番外編短編・秘密の恋と翌日のカレー
「ふふふーん!」
葵はご機嫌でスーパーで買い物中だった。今日は夜、敦が家にやってくる予定なので、カレーを作って待っている予定だ。
といっても、芸能界にいる敦は多忙だ。付き合っているとはいえ、長時間派会えない。まとまった休みも来年以降まで取れないらしいが、ワガママも言えない。最近は敦は福祉関係のイベントやコラムの活動も多い。敦との付きあいも楽しいが、こうして広く仕事ができる今も嬉しい。自分のことのようにご機嫌になり、スーパーでの買い物も終わった。
「あれ?」
しかし、スーパーを出た時だった。誰かからの視線を感じた。振り返ると、電柱の影にカメラを持った記者がいた!

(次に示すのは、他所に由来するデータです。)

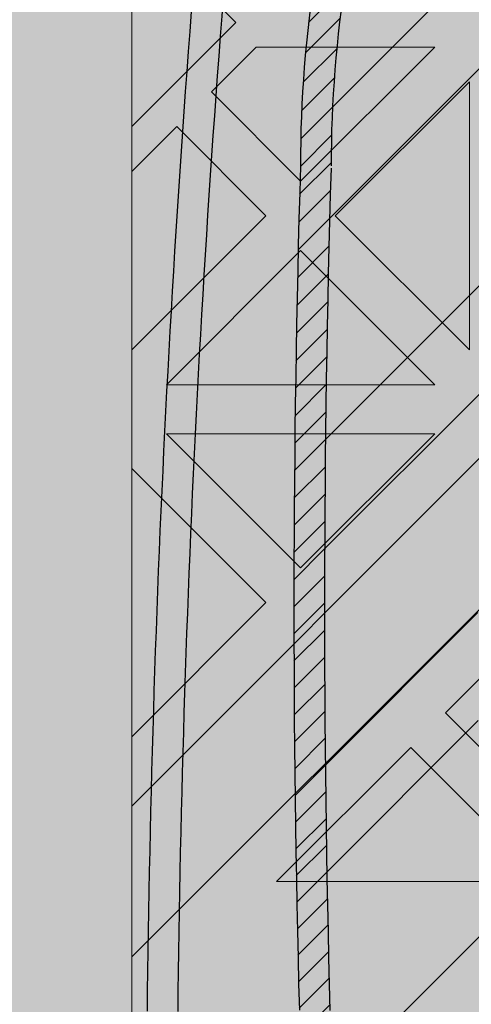
# Model space of a CAD drawing. Units: inches. Extents: x 844 to 2234, y 346 to 1084.
# Tile 57 of 93: x 1864.294 to 1866.641, y 701.365 to 706.48. Entities that reach past the tile are written whole.
import ezdxf

# ---------------------------------------------------------------- set-up
doc = ezdxf.new("R2010")
doc.units = ezdxf.units.IN
doc.header["$MEASUREMENT"] = 0
doc.layers.add('furniture', color=8, linetype='Continuous', lineweight=18)
doc.layers.add('RA-AP-01$0$INT', color=35, linetype='Continuous', lineweight=5)
doc.layers.add('RA-AP-01$0$FURN', color=3, linetype='Continuous')
doc.layers.add('RA-AP-01$0$WOOD', color=64, linetype='Continuous')

# ---------------------------------------------------------------- blocks, each defined once
blk = doc.blocks.new('A$C18D01794')
at = {"layer": 'RA-AP-01$0$INT'}
for points in [[(4.50521, -6.30671), (5.30521, -6.30671), (5.30521, -7.10671), (5.25521, -7.10671), (5.25521, -6.35671), (4.55521, -6.35671), (4.55521, -7.10671), (4.50521, -7.10671)], [(4.50521, -7.90671), (5.30521, -7.90671), (5.30521, -7.10671), (5.25521, -7.10671), (5.25521, -7.85671), (4.55521, -7.85671), (4.55521, -7.10671), (4.50521, -7.10671)]]:
    blk.add_hatch(color=256, dxfattribs=at).paths.add_polyline_path(points)
h = blk.add_hatch(color=256, dxfattribs=at)
h.paths.add_polyline_path([(4.58592, -6.35671), (4.6142, -6.35671), (4.66885, -6.41136), (4.72349, -6.35671), (4.77177, -6.35671), (4.82642, -6.41136), (4.86278, -6.375), (4.8445, -6.35671), (4.86278, -6.35671), (4.90521, -6.39914), (4.94763, -6.35671), (4.96592, -6.35671), (4.94763, -6.375), (4.98399, -6.41136), (5.03864, -6.35671), (5.08692, -6.35671), (5.14157, -6.41136), (5.19621, -6.35671), (5.2245, -6.35671), (4.90521, -6.676)])
h.paths.add_polyline_path([(4.89521, -6.63772), (4.89521, -6.52843), (4.84056, -6.58307)], flags=16)
h.paths.add_polyline_path([(4.91521, -6.63772), (4.96985, -6.58307), (4.91521, -6.52843)], flags=16)
h.paths.add_polyline_path([(4.82642, -6.56893), (4.88106, -6.51429), (4.77177, -6.51429)], flags=16)
h.paths.add_polyline_path([(4.98399, -6.56893), (5.03864, -6.51429), (4.92935, -6.51429)], flags=16)
h.paths.add_polyline_path([(4.88106, -6.49429), (4.82642, -6.43964), (4.77177, -6.49429)], flags=16)
h.paths.add_polyline_path([(4.92935, -6.49429), (5.03864, -6.49429), (4.98399, -6.43964)], flags=16)
h.paths.add_polyline_path([(4.89521, -6.48014), (4.89521, -6.40742), (4.87692, -6.38914), (4.84056, -6.4255)], flags=16)
h.paths.add_polyline_path([(4.91521, -6.48014), (4.96985, -6.4255), (4.93349, -6.38914), (4.91521, -6.40742)], flags=16)
h.paths.add_polyline_path([(4.75763, -6.48014), (4.81228, -6.4255), (4.75763, -6.37085)], flags=16)
h.paths.add_polyline_path([(4.73763, -6.48014), (4.73763, -6.37085), (4.68299, -6.4255)], flags=16)
h.paths.add_polyline_path([(5.05278, -6.48014), (5.05278, -6.37085), (4.99814, -6.4255)], flags=16)
h.paths.add_polyline_path([(5.07278, -6.48014), (5.12742, -6.4255), (5.07278, -6.37085)], flags=16)
h.paths.add_polyline_path([(4.93592, -6.70671), (5.25521, -6.38742), (5.25521, -6.41571), (5.20056, -6.47035), (5.25521, -6.525), (5.25521, -6.57328), (5.20056, -6.62793), (5.23692, -6.66429), (5.25521, -6.646), (5.25521, -6.66429), (5.21278, -6.70671), (5.25521, -6.74914), (5.25521, -6.76742), (5.23692, -6.74914), (5.20056, -6.7855), (5.25521, -6.84014), (5.25521, -6.88843), (5.20056, -6.94307), (5.25521, -6.99772), (5.25521, -7.026)])
h.paths.add_polyline_path([(5.04299, -6.7855), (5.09763, -6.84014), (5.09763, -6.73085)], flags=16)
h.paths.add_polyline_path([(5.02885, -6.77136), (5.08349, -6.71671), (4.9742, -6.71671)], flags=16)
h.paths.add_polyline_path([(5.11763, -6.84014), (5.17228, -6.7855), (5.11763, -6.73085)], flags=16)
h.paths.add_polyline_path([(5.08349, -6.69671), (5.02885, -6.64207), (4.9742, -6.69671)], flags=16)
h.paths.add_polyline_path([(5.13177, -6.85429), (5.18642, -6.79964), (5.24106, -6.85429)], flags=17)
h.paths.add_polyline_path([(5.13177, -6.71671), (5.18642, -6.77136), (5.22278, -6.735), (5.2045, -6.71671)], flags=16)
h.paths.add_polyline_path([(5.09763, -6.68257), (5.09763, -6.57328), (5.04299, -6.62793)], flags=16)
h.paths.add_polyline_path([(5.13177, -6.87429), (5.24106, -6.87429), (5.18642, -6.92893)], flags=17)
h.paths.add_polyline_path([(5.13177, -6.69671), (5.2045, -6.69671), (5.22278, -6.67843), (5.18642, -6.64207)], flags=16)
h.paths.add_polyline_path([(5.11763, -6.68257), (5.17228, -6.62793), (5.11763, -6.57328)], flags=16)
h.paths.add_polyline_path([(5.18642, -6.61378), (5.24106, -6.55914), (5.13177, -6.55914)], flags=16)
h.paths.add_polyline_path([(5.13177, -6.53914), (5.24106, -6.53914), (5.18642, -6.48449)], flags=16)
h.paths.add_polyline_path([(5.25521, -7.08742), (5.25521, -7.10671), (4.55521, -7.10671), (4.55521, -7.08742), (4.90521, -6.73742)])
h.paths.add_polyline_path([(4.98399, -6.84449), (4.92935, -6.89914), (5.03864, -6.89914)], flags=16)
h.paths.add_polyline_path([(4.96985, -6.83035), (4.91521, -6.77571), (4.91521, -6.885)], flags=16)
h.paths.add_polyline_path([(4.92935, -6.91914), (4.98399, -6.97378), (5.03864, -6.91914)], flags=16)
h.paths.add_polyline_path([(5.05278, -6.93328), (4.99814, -6.98793), (5.05278, -7.04257)], flags=16)
h.paths.add_polyline_path([(5.07278, -6.93328), (5.07278, -7.04257), (5.12742, -6.98793)], flags=16)
h.paths.add_polyline_path([(4.89521, -6.77571), (4.84056, -6.83035), (4.89521, -6.885)], flags=16)
h.paths.add_polyline_path([(4.91521, -6.93328), (4.91521, -7.006), (4.93349, -7.02429), (4.96985, -6.98793)], flags=16)
h.paths.add_polyline_path([(4.88106, -6.89914), (4.82642, -6.84449), (4.77177, -6.89914)], flags=16)
h.paths.add_polyline_path([(4.89521, -6.93328), (4.84056, -6.98793), (4.87692, -7.02429), (4.89521, -7.006)], flags=16)
h.paths.add_polyline_path([(4.98399, -7.00207), (4.94763, -7.03843), (4.96592, -7.05671), (5.03864, -7.05671)], flags=16)
h.paths.add_polyline_path([(4.88106, -6.91914), (4.77177, -6.91914), (4.82642, -6.97378)], flags=16)
h.paths.add_polyline_path([(4.90521, -7.01429), (4.86278, -7.05671), (4.94763, -7.05671)], flags=16)
h.paths.add_polyline_path([(5.14157, -7.00207), (5.08692, -7.05671), (5.19621, -7.05671)], flags=16)
h.paths.add_polyline_path([(4.82642, -7.00207), (4.77177, -7.05671), (4.8445, -7.05671), (4.86278, -7.03843)], flags=16)
h.paths.add_polyline_path([(4.81228, -6.98793), (4.75763, -6.93328), (4.75763, -7.04257)], flags=16)
h.paths.add_polyline_path([(4.73763, -6.93328), (4.68299, -6.98793), (4.73763, -7.04257)], flags=16)
h.paths.add_polyline_path([(4.72349, -7.05671), (4.66885, -7.00207), (4.6142, -7.05671)], flags=16)
h.paths.add_polyline_path([(4.59763, -6.70671), (4.55521, -6.66429), (4.55521, -6.646), (4.57349, -6.66429), (4.60985, -6.62793), (4.55521, -6.57328), (4.55521, -6.525), (4.60985, -6.47035), (4.55521, -6.41571), (4.55521, -6.38742), (4.8745, -6.70671), (4.55521, -7.026), (4.55521, -6.99772), (4.60985, -6.94307), (4.55521, -6.88843), (4.55521, -6.84014), (4.60985, -6.7855), (4.57349, -6.74914), (4.55521, -6.76742), (4.55521, -6.74914)])
h.paths.add_polyline_path([(4.71278, -6.73085), (4.71278, -6.84014), (4.76742, -6.7855)], flags=16)
h.paths.add_polyline_path([(4.72692, -6.71671), (4.78157, -6.77136), (4.83621, -6.71671)], flags=16)
h.paths.add_polyline_path([(4.69278, -6.73085), (4.63814, -6.7855), (4.69278, -6.84014)], flags=16)
h.paths.add_polyline_path([(4.72692, -6.69671), (4.83621, -6.69671), (4.78157, -6.64207)], flags=16)
h.paths.add_polyline_path([(4.67864, -6.71671), (4.60592, -6.71671), (4.58763, -6.735), (4.62399, -6.77136)], flags=16)
h.paths.add_polyline_path([(4.71278, -6.68257), (4.76742, -6.62793), (4.71278, -6.57328)], flags=16)
h.paths.add_polyline_path([(4.67864, -6.69671), (4.62399, -6.64207), (4.58763, -6.67843), (4.60592, -6.69671)], flags=16)
h.paths.add_polyline_path([(4.69278, -6.68257), (4.69278, -6.57328), (4.63814, -6.62793)], flags=16)
h.paths.add_polyline_path([(4.62399, -6.79964), (4.67864, -6.85429), (4.56935, -6.85429)], flags=17)
h.paths.add_polyline_path([(4.62399, -6.61378), (4.67864, -6.55914), (4.56935, -6.55914)], flags=16)
h.paths.add_polyline_path([(4.67864, -6.87429), (4.62399, -6.92893), (4.56935, -6.87429)], flags=17)
h.paths.add_polyline_path([(4.67864, -6.53914), (4.62399, -6.48449), (4.56935, -6.53914)], flags=16)
h = blk.add_hatch(color=256, dxfattribs=at)
h.paths.add_polyline_path([(4.58592, -7.85671), (4.6142, -7.85671), (4.66885, -7.80207), (4.72349, -7.85671), (4.77177, -7.85671), (4.82642, -7.80207), (4.86278, -7.83843), (4.8445, -7.85671), (4.86278, -7.85671), (4.90521, -7.81429), (4.94763, -7.85671), (4.96592, -7.85671), (4.94763, -7.83843), (4.98399, -7.80207), (5.03864, -7.85671), (5.08692, -7.85671), (5.14157, -7.80207), (5.19621, -7.85671), (5.2245, -7.85671), (4.90521, -7.53742)])
h.paths.add_polyline_path([(4.89521, -7.57571), (4.89521, -7.685), (4.84056, -7.63035)], flags=16)
h.paths.add_polyline_path([(4.91521, -7.57571), (4.96985, -7.63035), (4.91521, -7.685)], flags=16)
h.paths.add_polyline_path([(4.82642, -7.64449), (4.88106, -7.69914), (4.77177, -7.69914)], flags=16)
h.paths.add_polyline_path([(4.98399, -7.64449), (5.03864, -7.69914), (4.92935, -7.69914)], flags=16)
h.paths.add_polyline_path([(4.88106, -7.71914), (4.82642, -7.77378), (4.77177, -7.71914)], flags=16)
h.paths.add_polyline_path([(4.92935, -7.71914), (5.03864, -7.71914), (4.98399, -7.77378)], flags=16)
h.paths.add_polyline_path([(4.89521, -7.73328), (4.89521, -7.806), (4.87692, -7.82429), (4.84056, -7.78793)], flags=16)
h.paths.add_polyline_path([(4.91521, -7.73328), (4.96985, -7.78793), (4.93349, -7.82429), (4.91521, -7.806)], flags=16)
h.paths.add_polyline_path([(4.75763, -7.73328), (4.81228, -7.78793), (4.75763, -7.84257)], flags=16)
h.paths.add_polyline_path([(4.73763, -7.73328), (4.73763, -7.84257), (4.68299, -7.78793)], flags=16)
h.paths.add_polyline_path([(5.05278, -7.73328), (5.05278, -7.84257), (4.99814, -7.78793)], flags=16)
h.paths.add_polyline_path([(5.07278, -7.73328), (5.12742, -7.78793), (5.07278, -7.84257)], flags=16)
h.paths.add_polyline_path([(4.93592, -7.50671), (5.25521, -7.826), (5.25521, -7.79772), (5.20056, -7.74307), (5.25521, -7.68843), (5.25521, -7.64014), (5.20056, -7.5855), (5.23692, -7.54914), (5.25521, -7.56742), (5.25521, -7.54914), (5.21278, -7.50671), (5.25521, -7.46429), (5.25521, -7.446), (5.23692, -7.46429), (5.20056, -7.42793), (5.25521, -7.37328), (5.25521, -7.325), (5.20056, -7.27035), (5.25521, -7.21571), (5.25521, -7.18742)])
h.paths.add_polyline_path([(5.04299, -7.42793), (5.09763, -7.37328), (5.09763, -7.48257)], flags=16)
h.paths.add_polyline_path([(5.02885, -7.44207), (5.08349, -7.49671), (4.9742, -7.49671)], flags=16)
h.paths.add_polyline_path([(5.11763, -7.37328), (5.17228, -7.42793), (5.11763, -7.48257)], flags=16)
h.paths.add_polyline_path([(5.08349, -7.51671), (5.02885, -7.57136), (4.9742, -7.51671)], flags=16)
h.paths.add_polyline_path([(5.13177, -7.35914), (5.18642, -7.41378), (5.24106, -7.35914)], flags=17)
h.paths.add_polyline_path([(5.13177, -7.49671), (5.18642, -7.44207), (5.22278, -7.47843), (5.2045, -7.49671)], flags=16)
h.paths.add_polyline_path([(5.09763, -7.53085), (5.09763, -7.64014), (5.04299, -7.5855)], flags=16)
h.paths.add_polyline_path([(5.13177, -7.33914), (5.24106, -7.33914), (5.18642, -7.28449)], flags=17)
h.paths.add_polyline_path([(5.13177, -7.51671), (5.2045, -7.51671), (5.22278, -7.535), (5.18642, -7.57136)], flags=16)
h.paths.add_polyline_path([(5.11763, -7.53085), (5.17228, -7.5855), (5.11763, -7.64014)], flags=16)
h.paths.add_polyline_path([(5.18642, -7.59964), (5.24106, -7.65429), (5.13177, -7.65429)], flags=16)
h.paths.add_polyline_path([(5.13177, -7.67429), (5.24106, -7.67429), (5.18642, -7.72893)], flags=16)
h.paths.add_polyline_path([(5.25521, -7.126), (5.25521, -7.10671), (4.55521, -7.10671), (4.55521, -7.126), (4.90521, -7.476)])
h.paths.add_polyline_path([(4.98399, -7.36893), (4.92935, -7.31429), (5.03864, -7.31429)], flags=16)
h.paths.add_polyline_path([(4.96985, -7.38307), (4.91521, -7.43772), (4.91521, -7.32843)], flags=16)
h.paths.add_polyline_path([(4.92935, -7.29429), (4.98399, -7.23964), (5.03864, -7.29429)], flags=16)
h.paths.add_polyline_path([(5.05278, -7.28014), (4.99814, -7.2255), (5.05278, -7.17085)], flags=16)
h.paths.add_polyline_path([(5.07278, -7.28014), (5.07278, -7.17085), (5.12742, -7.2255)], flags=16)
h.paths.add_polyline_path([(4.89521, -7.43772), (4.84056, -7.38307), (4.89521, -7.32843)], flags=16)
h.paths.add_polyline_path([(4.91521, -7.28014), (4.91521, -7.20742), (4.93349, -7.18914), (4.96985, -7.2255)], flags=16)
h.paths.add_polyline_path([(4.88106, -7.31429), (4.82642, -7.36893), (4.77177, -7.31429)], flags=16)
h.paths.add_polyline_path([(4.89521, -7.28014), (4.84056, -7.2255), (4.87692, -7.18914), (4.89521, -7.20742)], flags=16)
h.paths.add_polyline_path([(4.98399, -7.21136), (4.94763, -7.175), (4.96592, -7.15671), (5.03864, -7.15671)], flags=16)
h.paths.add_polyline_path([(4.88106, -7.29429), (4.77177, -7.29429), (4.82642, -7.23964)], flags=16)
h.paths.add_polyline_path([(4.90521, -7.19914), (4.86278, -7.15671), (4.94763, -7.15671)], flags=16)
h.paths.add_polyline_path([(5.14157, -7.21136), (5.08692, -7.15671), (5.19621, -7.15671)], flags=16)
h.paths.add_polyline_path([(4.82642, -7.21136), (4.77177, -7.15671), (4.8445, -7.15671), (4.86278, -7.175)], flags=16)
h.paths.add_polyline_path([(4.81228, -7.2255), (4.75763, -7.28014), (4.75763, -7.17085)], flags=16)
h.paths.add_polyline_path([(4.73763, -7.28014), (4.68299, -7.2255), (4.73763, -7.17085)], flags=16)
h.paths.add_polyline_path([(4.72349, -7.15671), (4.66885, -7.21136), (4.6142, -7.15671)], flags=16)
h.paths.add_polyline_path([(4.59763, -7.50671), (4.55521, -7.54914), (4.55521, -7.56742), (4.57349, -7.54914), (4.60985, -7.5855), (4.55521, -7.64014), (4.55521, -7.68843), (4.60985, -7.74307), (4.55521, -7.79772), (4.55521, -7.826), (4.8745, -7.50671), (4.55521, -7.18742), (4.55521, -7.21571), (4.60985, -7.27035), (4.55521, -7.325), (4.55521, -7.37328), (4.60985, -7.42793), (4.57349, -7.46429), (4.55521, -7.446), (4.55521, -7.46429)])
h.paths.add_polyline_path([(4.71278, -7.48257), (4.71278, -7.37328), (4.76742, -7.42793)], flags=16)
h.paths.add_polyline_path([(4.72692, -7.49671), (4.78157, -7.44207), (4.83621, -7.49671)], flags=16)
h.paths.add_polyline_path([(4.69278, -7.48257), (4.63814, -7.42793), (4.69278, -7.37328)], flags=16)
h.paths.add_polyline_path([(4.72692, -7.51671), (4.83621, -7.51671), (4.78157, -7.57136)], flags=16)
h.paths.add_polyline_path([(4.67864, -7.49671), (4.60592, -7.49671), (4.58763, -7.47843), (4.62399, -7.44207)], flags=16)
h.paths.add_polyline_path([(4.71278, -7.53085), (4.76742, -7.5855), (4.71278, -7.64014)], flags=16)
h.paths.add_polyline_path([(4.67864, -7.51671), (4.62399, -7.57136), (4.58763, -7.535), (4.60592, -7.51671)], flags=16)
h.paths.add_polyline_path([(4.69278, -7.53085), (4.69278, -7.64014), (4.63814, -7.5855)], flags=16)
h.paths.add_polyline_path([(4.62399, -7.41378), (4.67864, -7.35914), (4.56935, -7.35914)], flags=17)
h.paths.add_polyline_path([(4.62399, -7.59964), (4.67864, -7.65429), (4.56935, -7.65429)], flags=16)
h.paths.add_polyline_path([(4.67864, -7.33914), (4.62399, -7.28449), (4.56935, -7.33914)], flags=17)
h.paths.add_polyline_path([(4.67864, -7.67429), (4.62399, -7.72893), (4.56935, -7.67429)], flags=16)
h = blk.add_hatch(color=256, dxfattribs=at)
h.paths.add_polyline_path([(4.90521, -7.53742), (4.8745, -7.50671), (4.55521, -7.826), (4.55521, -7.85671), (4.58592, -7.85671)])
h.paths.add_polyline_path([(4.93592, -7.50671), (4.90521, -7.53742), (5.2245, -7.85671), (5.25521, -7.85671), (5.25521, -7.826)])
h.paths.add_polyline_path([(5.25521, -7.18742), (5.25521, -7.126), (4.90521, -7.476), (4.93592, -7.50671)])
h.paths.add_polyline_path([(4.8745, -7.50671), (4.90521, -7.476), (4.55521, -7.126), (4.55521, -7.18742)])
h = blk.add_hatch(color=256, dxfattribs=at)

すっかり忘れていたが、もし敦との関係がスキャンダルになってしまったら?
葵の顔は真っ青だ。すぐ敦と連絡をとり、今日のデートは中止になってしまった。
「なんで記者なんているんだろ。絶対バレないと思っていたのにー」
その後、葵は文句を言いながらジャガイモやニンジンを切っていた。結局、カレー派作っていたが、今までの危機感の無さにも愚痴が出そうだ。
「絶対バレないようにしないと……」
ずっと浮かれているわけにはいかないらしい。秘密の恋だ。リスクもあるが、なぜか覚悟だけはあった。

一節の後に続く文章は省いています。